And a very merry Christmas to you too!


----------



## GenJen54

> In Roman Turkey somewhere, you suggest? Well; why not. I'm beginning to suspect there are more than just one. Or else he's a secret agent, and, in perfect accordance with this, changes his name depending on where he chooses to go. But, no! Lo and behold! Is this really a sort of international fiction accepted by all despite culture and other borders?


What's with the vitriol?

Saint Nicholas *was* a Bishop in Roman Turkey in the 4th Century AD. There is quite a bit of history on him, some of it factual and some of it "mythic" in nature, should one bother to read it. 

Saint Nicholas Day, according to those who celebrate Saints Days, is December 6, as has already been mentioned, and he is indeed the "inspiration" for the modern day Kris Kringle or Santa Claus. (Saint Ni*klaus). *His more modern Western origins come from Germany (Nikolaus) and The Netherlands (Sinterklauss).

He was a fixture in the Catholic and Greek/Eastern Orthodox churches for centuries (say 1500 years) before he ever became "Americanized" with the red velvet suit and "ho, ho, hos" sometime in the 1950s. 


> And is "American culture," a thing that really exists?


Sure it does, but that would be way off-topic to discuss it here.


> We can at least conclude that America exists because Santa does.


 Not sure what your point is here.


> Does he wear his dreadlock-mask when on Jamaica, I wonder? Distributing his presents saying:"Heeere, man, merry man, yeah!"

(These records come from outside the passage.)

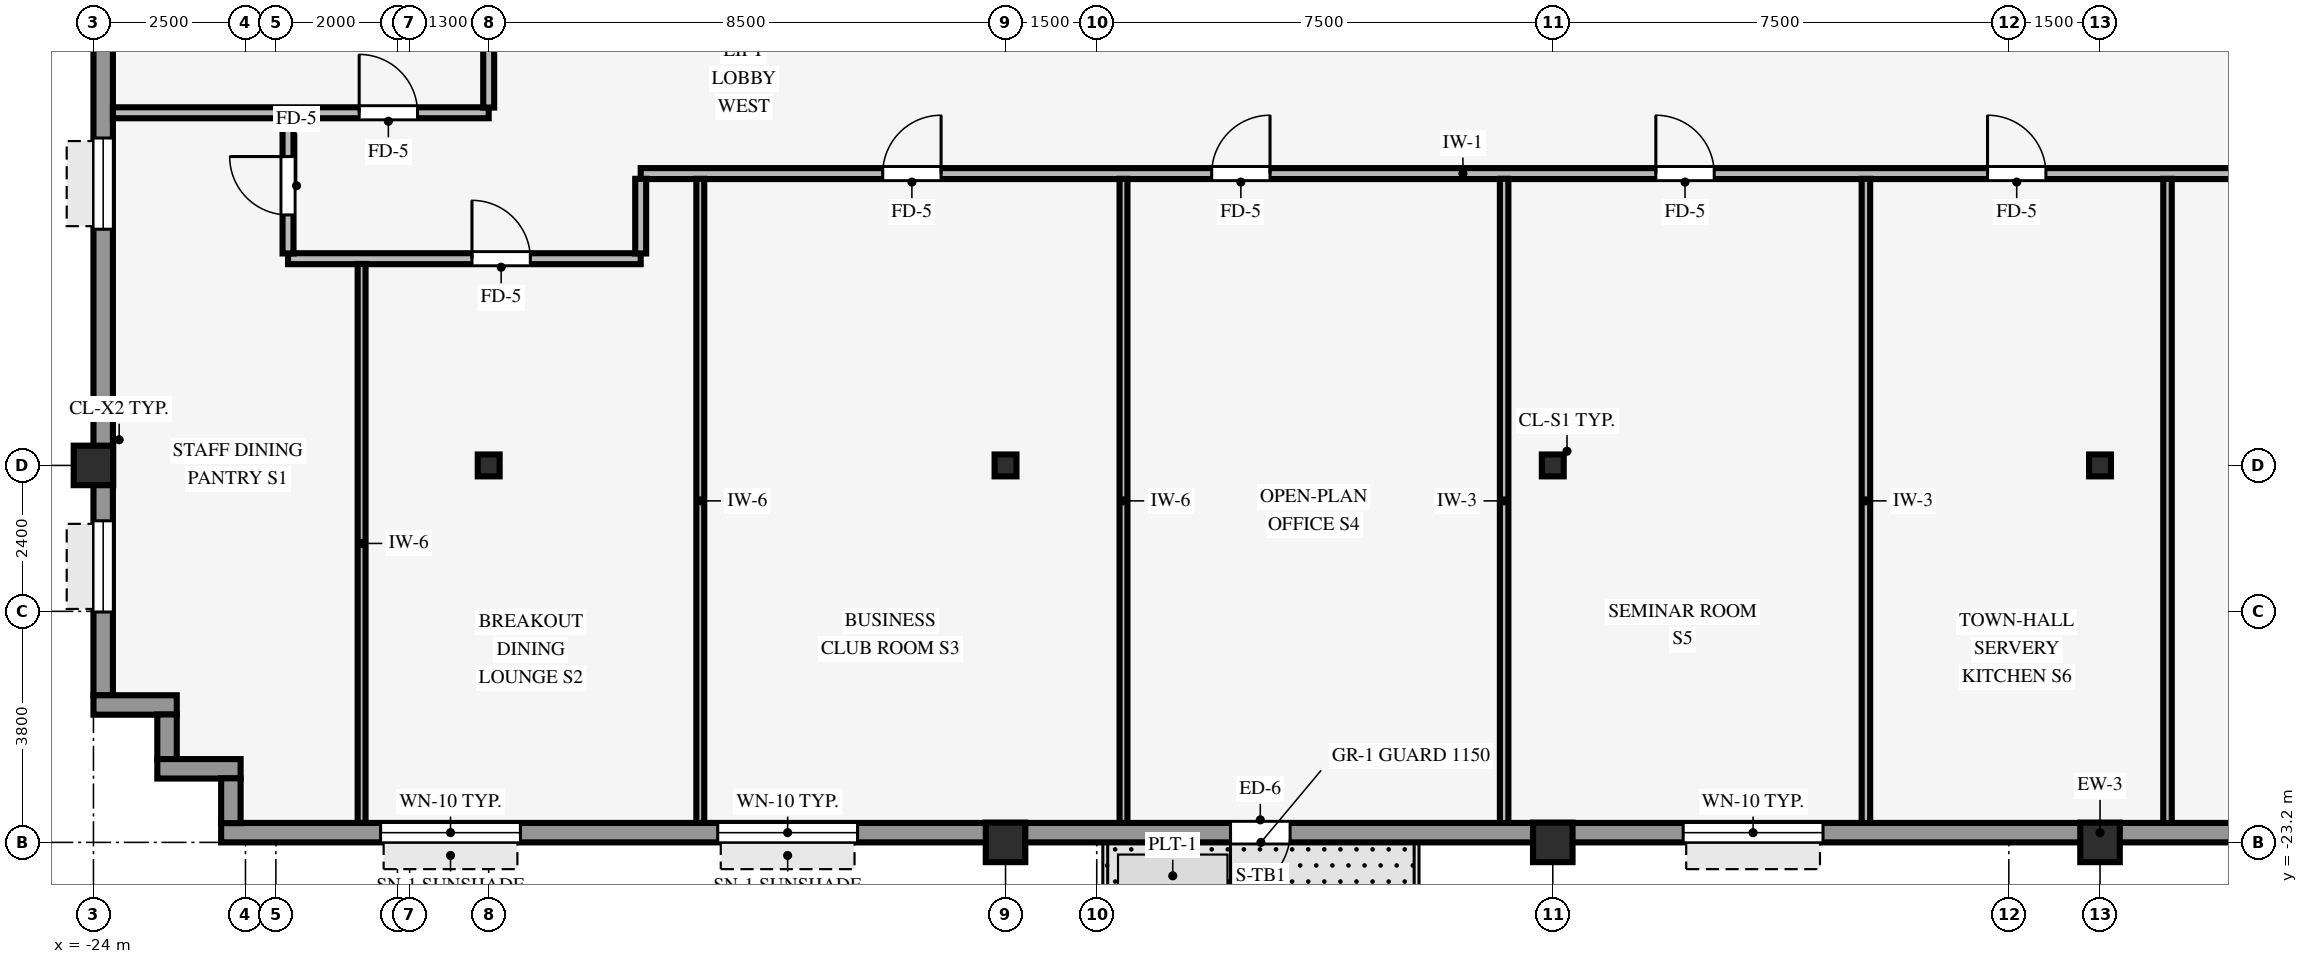
"""IFC4 building model, lengths in metres.
Left out: names, types, materials, properties, quantities, classifications, styles, units other than length and angle.
Written with IfcOpenShell. Run it as: python <this file> out.ifc"""

import sys

from ifc_helpers import new_model, si_unit, direction, frame, frame_2d, origin, origin_2d, place, context, subcontext, project, spatial, rectangle, hollow_rectangle, i_section, extrude, source, transform, mapped, element, fill, save


model = new_model("IFC4")
c1 = context("Model", 3, precision=1e-05, world=origin(), true_north=direction((0.0, 1.0)))
c2 = subcontext(c1, "Body", "Model", "MODEL_VIEW")
j1 = project(units=[si_unit("LENGTHUNIT", "METRE"), si_unit("PLANEANGLEUNIT", "RADIAN")], contexts=[c1])
p1 = place(None, origin())
s1 = spatial("IfcSite", under=j1, at=p1, CompositionType="ELEMENT")
p2 = place(p1, origin())
s2 = spatial("IfcBuilding", under=s1, at=p2, CompositionType="ELEMENT")
p3 = place(p2, frame((0.0, 0.0, 98.3)))
s3 = spatial("IfcBuildingStorey", under=s2, at=p3, CompositionType="ELEMENT", Elevation=98.3)
for number, where, z_axis, x_axis in (
    (1, (-24.0, -17.0, 0.0), (0.0, 0.0, 1.0), (1.0, 0.0, 0.0)),
    (2, (-9.0, -23.2, 0.0), (0.0, 0.0, 1.0), (1.0, 0.0, 0.0)),
    (3, (0.0, -23.2, 0.0), (0.0, 0.0, 1.0), (1.0, 0.0, 0.0)),
    (4, (9.0, -23.2, 0.0), (0.0, 0.0, 1.0), (1.0, 0.0, 0.0)),
):
    element("IfcColumn", number, at=place(p3, frame(where, z_axis=z_axis, x_axis=x_axis)), inside=s3, PredefinedType="COLUMN", context=c2, shape_type="SweptSolid", body=[
        extrude(hollow_rectangle(XDim=0.65, YDim=0.65, WallThickness=0.04, InnerFilletRadius=0.04, OuterFilletRadius=0.08, at=origin_2d()), origin(), (0.0, 0.0, 1.0), 3.37),
    ])
for number, where, z_axis, x_axis in (
    (5, (0.0, -17.0, 0.0), (0.0, 0.0, 1.0), (1.0, 0.0, 0.0)),
    (6, (-17.5, -17.0, 0.0), (0.0, 0.0, 1.0), (1.0, 0.0, 0.0)),
    (7, (-9.0, -17.0, 0.0), (0.0, 0.0, 1.0), (1.0, 0.0, 0.0)),
    (8, (9.0, -17.0, 0.0), (0.0, 0.0, 1.0), (1.0, 0.0, 0.0)),
):
    element("IfcColumn", number, at=place(p3, frame(where, z_axis=z_axis, x_axis=x_axis)), inside=s3, PredefinedType="COLUMN", context=c2, shape_type="SweptSolid", body=[
        extrude(i_section(OverallWidth=0.36, OverallDepth=0.36, WebThickness=0.021, FlangeThickness=0.021, FilletRadius=0.018, at=origin_2d()), origin(), (0.0, 0.0, 1.0), 3.37),
    ])
p4 = place(p3, frame((-21.9, -23.04, 0.0), z_axis=(0.0, 0.0, 1.0), x_axis=(1.0, 0.0, 0.0)))
e9 = element("IfcWall", 9, at=p4, inside=s3, PredefinedType="STANDARD", context=c2, shape_type="SweptSolid", body=[
    extrude(rectangle(XDim=43.8, YDim=0.32, at=frame_2d((21.9, 0.0))), origin(), (0.0, 0.0, 1.0), 2.705),
])
p5 = place(p4, frame((17.58, 0.0, 0.0), z_axis=(0.0, 0.0, 1.0), x_axis=(-1.0, 0.0, 0.0)))
e10 = element("IfcOpeningElement", 10, at=p5, cuts=e9, PredefinedType="OPENING", context=c2, shape_type="SweptSolid", body=[
    extrude(rectangle(XDim=0.98, YDim=2.15, at=frame_2d((0.49, 1.075))), frame((0.0, 0.17, 0.0), z_axis=(0.0, -1.0, 0.0), x_axis=(1.0, 0.0, 0.0)), (0.0, 0.0, 1.0), 0.34),
])
p6 = place(p4, frame((2.622, 0.0, 0.8)))
e11 = element("IfcOpeningElement", 11, at=p6, cuts=e9, PredefinedType="OPENING", context=c2, shape_type="SweptSolid", body=[
    extrude(rectangle(XDim=2.3, YDim=1.62, at=frame_2d((1.15, 0.81))), frame((0.0, 0.17, 0.0), z_axis=(0.0, -1.0, 0.0), x_axis=(1.0, 0.0, 0.0)), (0.0, 0.0, 1.0), 0.34),
])
p7 = place(p4, frame((8.167, 0.0, 0.8)))
e12 = element("IfcOpeningElement", 12, at=p7, cuts=e9, PredefinedType="OPENING", context=c2, shape_type="SweptSolid", body=[
    extrude(rectangle(XDim=2.3, YDim=1.62, at=frame_2d((1.15, 0.81))), frame((0.0, 0.17, 0.0), z_axis=(0.0, -1.0, 0.0), x_axis=(1.0, 0.0, 0.0)), (0.0, 0.0, 1.0), 0.34),
])
p8 = place(p4, frame((24.044, 0.0, 0.8)))
e13 = element("IfcOpeningElement", 13, at=p8, cuts=e9, PredefinedType="OPENING", context=c2, shape_type="SweptSolid", body=[
    extrude(rectangle(XDim=2.3, YDim=1.62, at=frame_2d((1.15, 0.81))), frame((0.0, 0.17, 0.0), z_axis=(0.0, -1.0, 0.0), x_axis=(1.0, 0.0, 0.0)), (0.0, 0.0, 1.0), 0.34),
])
p9 = place(p4, frame((34.233, 0.0, 0.8)))
e14 = element("IfcOpeningElement", 14, at=p9, cuts=e9, PredefinedType="OPENING", context=c2, shape_type="SweptSolid", body=[
    extrude(rectangle(XDim=2.3, YDim=1.62, at=frame_2d((1.15, 0.81))), frame((0.0, 0.17, 0.0), z_axis=(0.0, -1.0, 0.0), x_axis=(1.0, 0.0, 0.0)), (0.0, 0.0, 1.0), 0.34),
])
p10 = place(p4, frame((38.878, 0.0, 0.8)))
e15 = element("IfcOpeningElement", 15, at=p10, cuts=e9, PredefinedType="OPENING", context=c2, shape_type="SweptSolid", body=[
    extrude(rectangle(XDim=2.3, YDim=1.62, at=frame_2d((1.15, 0.81))), frame((0.0, 0.17, 0.0), z_axis=(0.0, -1.0, 0.0), x_axis=(1.0, 0.0, 0.0)), (0.0, 0.0, 1.0), 0.34),
])
p11 = place(p3, frame((-23.84, -20.784, 0.0), z_axis=(0.0, 0.0, 1.0), x_axis=(0.0, 1.0, 0.0)))
e16 = element("IfcWall", 16, at=p11, inside=s3, PredefinedType="STANDARD", context=c2, shape_type="SweptSolid", body=[
    extrude(rectangle(XDim=41.568, YDim=0.32, at=frame_2d((20.784, 0.0))), origin(), (0.0, 0.0, 1.0), 2.705),
])
p12 = place(p11, frame((1.373, 0.0, 0.8)))
e17 = element("IfcOpeningElement", 17, at=p12, cuts=e16, PredefinedType="OPENING", context=c2, shape_type="SweptSolid", body=[
    extrude(rectangle(XDim=1.5, YDim=1.6, at=frame_2d((0.75, 0.8))), frame((0.0, 0.17, 0.0), z_axis=(0.0, -1.0, 0.0), x_axis=(1.0, 0.0, 0.0)), (0.0, 0.0, 1.0), 0.34),
])
p13 = place(p11, frame((7.669, 0.0, 0.8)))
e18 = element("IfcOpeningElement", 18, at=p13, cuts=e16, PredefinedType="OPENING", context=c2, shape_type="SweptSolid", body=[
    extrude(rectangle(XDim=1.5, YDim=1.6, at=frame_2d((0.75, 0.8))), frame((0.0, 0.17, 0.0), z_axis=(0.0, -1.0, 0.0), x_axis=(1.0, 0.0, 0.0)), (0.0, 0.0, 1.0), 0.34),
])
p14 = place(p11, frame((12.615, 0.0, 0.8)))
e19 = element("IfcOpeningElement", 19, at=p14, cuts=e16, PredefinedType="OPENING", context=c2, shape_type="SweptSolid", body=[
    extrude(rectangle(XDim=1.5, YDim=1.6, at=frame_2d((0.75, 0.8))), frame((0.0, 0.17, 0.0), z_axis=(0.0, -1.0, 0.0), x_axis=(1.0, 0.0, 0.0)), (0.0, 0.0, 1.0), 0.34),
])
p15 = place(p11, frame((17.561, 0.0, 0.8)))
e20 = element("IfcOpeningElement", 20, at=p15, cuts=e16, PredefinedType="OPENING", context=c2, shape_type="SweptSolid", body=[
    extrude(rectangle(XDim=1.5, YDim=1.6, at=frame_2d((0.75, 0.8))), frame((0.0, 0.17, 0.0), z_axis=(0.0, -1.0, 0.0), x_axis=(1.0, 0.0, 0.0)), (0.0, 0.0, 1.0), 0.34),
])
p16 = place(p11, frame((22.507, 0.0, 0.8)))
e21 = element("IfcOpeningElement", 21, at=p16, cuts=e16, PredefinedType="OPENING", context=c2, shape_type="SweptSolid", body=[
    extrude(rectangle(XDim=1.5, YDim=1.6, at=frame_2d((0.75, 0.8))), frame((0.0, 0.17, 0.0), z_axis=(0.0, -1.0, 0.0), x_axis=(1.0, 0.0, 0.0)), (0.0, 0.0, 1.0), 0.34),
])
p17 = place(p11, frame((27.453, 0.0, 0.8)))
e22 = element("IfcOpeningElement", 22, at=p17, cuts=e16, PredefinedType="OPENING", context=c2, shape_type="SweptSolid", body=[
    extrude(rectangle(XDim=1.5, YDim=1.6, at=frame_2d((0.75, 0.8))), frame((0.0, 0.17, 0.0), z_axis=(0.0, -1.0, 0.0), x_axis=(1.0, 0.0, 0.0)), (0.0, 0.0, 1.0), 0.34),
])
p18 = place(p11, frame((32.399, 0.0, 0.8)))
e23 = element("IfcOpeningElement", 23, at=p18, cuts=e16, PredefinedType="OPENING", context=c2, shape_type="SweptSolid", body=[
    extrude(rectangle(XDim=1.5, YDim=1.6, at=frame_2d((0.75, 0.8))), frame((0.0, 0.17, 0.0), z_axis=(0.0, -1.0, 0.0), x_axis=(1.0, 0.0, 0.0)), (0.0, 0.0, 1.0), 0.34),
])
p19 = place(p11, frame((38.695, 0.0, 0.8)))
e24 = element("IfcOpeningElement", 24, at=p19, cuts=e16, PredefinedType="OPENING", context=c2, shape_type="SweptSolid", body=[
    extrude(rectangle(XDim=1.5, YDim=1.6, at=frame_2d((0.75, 0.8))), frame((0.0, 0.17, 0.0), z_axis=(0.0, -1.0, 0.0), x_axis=(1.0, 0.0, 0.0)), (0.0, 0.0, 1.0), 0.34),
])
p20 = place(p3, frame((-24.0, -20.94, 0.0), z_axis=(0.0, 0.0, 1.0), x_axis=(1.0, 0.0, 0.0)))
e25 = element("IfcWall", 25, at=p20, inside=s3, PredefinedType="STANDARD", context=c2, shape_type="SweptSolid", body=[
    extrude(rectangle(XDim=1.37, YDim=0.32, at=frame_2d((0.685, 0.0))), origin(), (0.0, 0.0, 1.0), 3.36),
])
p21 = place(p3, frame((-22.79, -21.834, 0.0), z_axis=(0.0, 0.0, 1.0), x_axis=(0.0, 1.0, 0.0)))
e26 = element("IfcWall", 26, at=p21, inside=s3, PredefinedType="STANDARD", context=c2, shape_type="SweptSolid", body=[
    extrude(rectangle(XDim=0.738, YDim=0.32, at=frame_2d((0.369, 0.0))), origin(), (0.0, 0.0, 1.0), 3.36),
])
p22 = place(p3, frame((-22.95, -21.99, 0.0), z_axis=(0.0, 0.0, 1.0), x_axis=(1.0, 0.0, 0.0)))
e27 = element("IfcWall", 27, at=p22, inside=s3, PredefinedType="STANDARD", context=c2, shape_type="SweptSolid", body=[
    extrude(rectangle(XDim=1.37, YDim=0.32, at=frame_2d((0.685, 0.0))), origin(), (0.0, 0.0, 1.0), 3.36),
])
p23 = place(p3, frame((-21.74, -22.884, 0.0), z_axis=(0.0, 0.0, 1.0), x_axis=(0.0, 1.0, 0.0)))
e28 = element("IfcWall", 28, at=p23, inside=s3, PredefinedType="STANDARD", context=c2, shape_type="SweptSolid", body=[
    extrude(rectangle(XDim=0.738, YDim=0.32, at=frame_2d((0.369, 0.0))), origin(), (0.0, 0.0, 1.0), 3.36),
])
p24 = place(p3, frame((-20.8, -13.6, 0.0), z_axis=(0.0, 0.0, 1.0), x_axis=(1.0, 0.0, 0.0)))
e29 = element("IfcWall", 29, at=p24, inside=s3, PredefinedType="PARTITIONING", context=c2, shape_type="SweptSolid", body=[
    extrude(rectangle(XDim=5.8, YDim=0.18, at=frame_2d((2.9, 0.0))), origin(), (0.0, 0.0, 1.0), 2.998),
])
p25 = place(p24, frame((3.025, 0.0, 0.0)))
e30 = element("IfcOpeningElement", 30, at=p25, cuts=e29, PredefinedType="OPENING", context=c2, shape_type="SweptSolid", body=[
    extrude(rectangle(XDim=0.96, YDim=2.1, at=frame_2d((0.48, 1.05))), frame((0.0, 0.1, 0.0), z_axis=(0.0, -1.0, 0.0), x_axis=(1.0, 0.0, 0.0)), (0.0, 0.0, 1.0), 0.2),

Why wouldn't he? There are just as many cultural interpretations of "Santa Klaus" as there are interpretations of Christmas itself.  Why wouldn't Jamaicans be able to take this figure and attribute it so it better relates to people of their own culture?


> The truth is: Sad.


What's sad is the comment you made about Jamaica, which borders on some sort of overt cultural "bias."


----------



## Outsider

I'm still wondering whether Anettehola was being serious, or facetious.

P.S. I've just noticed that the Wikipedia has a detailed page on Christmas worldwide. There may be others on the Net.


----------



## Ryu

Hello, I'm from Japan.

It's very strange (and could be very profane) that Christmas is celebrated all over Japan in a big way although there is only a handful of Christians in this country of polytheism (Buddhism and Shitoism).

But we don't "celebrate" Christmas as Christians do.  It is a kind of "festival" or "a happy occasion" very much promoted by commercialism, but we certainly enjoy that.  Many people buy cakes and do Christmas decorations and the town is lit up with electric decorations and cake sellers wearing Santa Claus attire.  Children are wishing their socks be filled with presents (which are almost always given by their fathers or parents), not knowing what Christmas means and who Santa Claus is.

Japan is basically a polytheistic country and we accept any kind of gods if they can mingle with us.  Similar to Romans in the Roman days. 

Do you find it very profane?

There aren't many Christians in Japan (about 1% or so, perhaps) because, I presume, monotheism does not fit the Japanese mentality and culture (and it has little to do with the Imperialism or "national Shintoism" that backed up the Emperor-centered regime after the Meiji Restoration in 1868, which was the governmental change from the samurai feudal system to the Emperor-centered modern government system).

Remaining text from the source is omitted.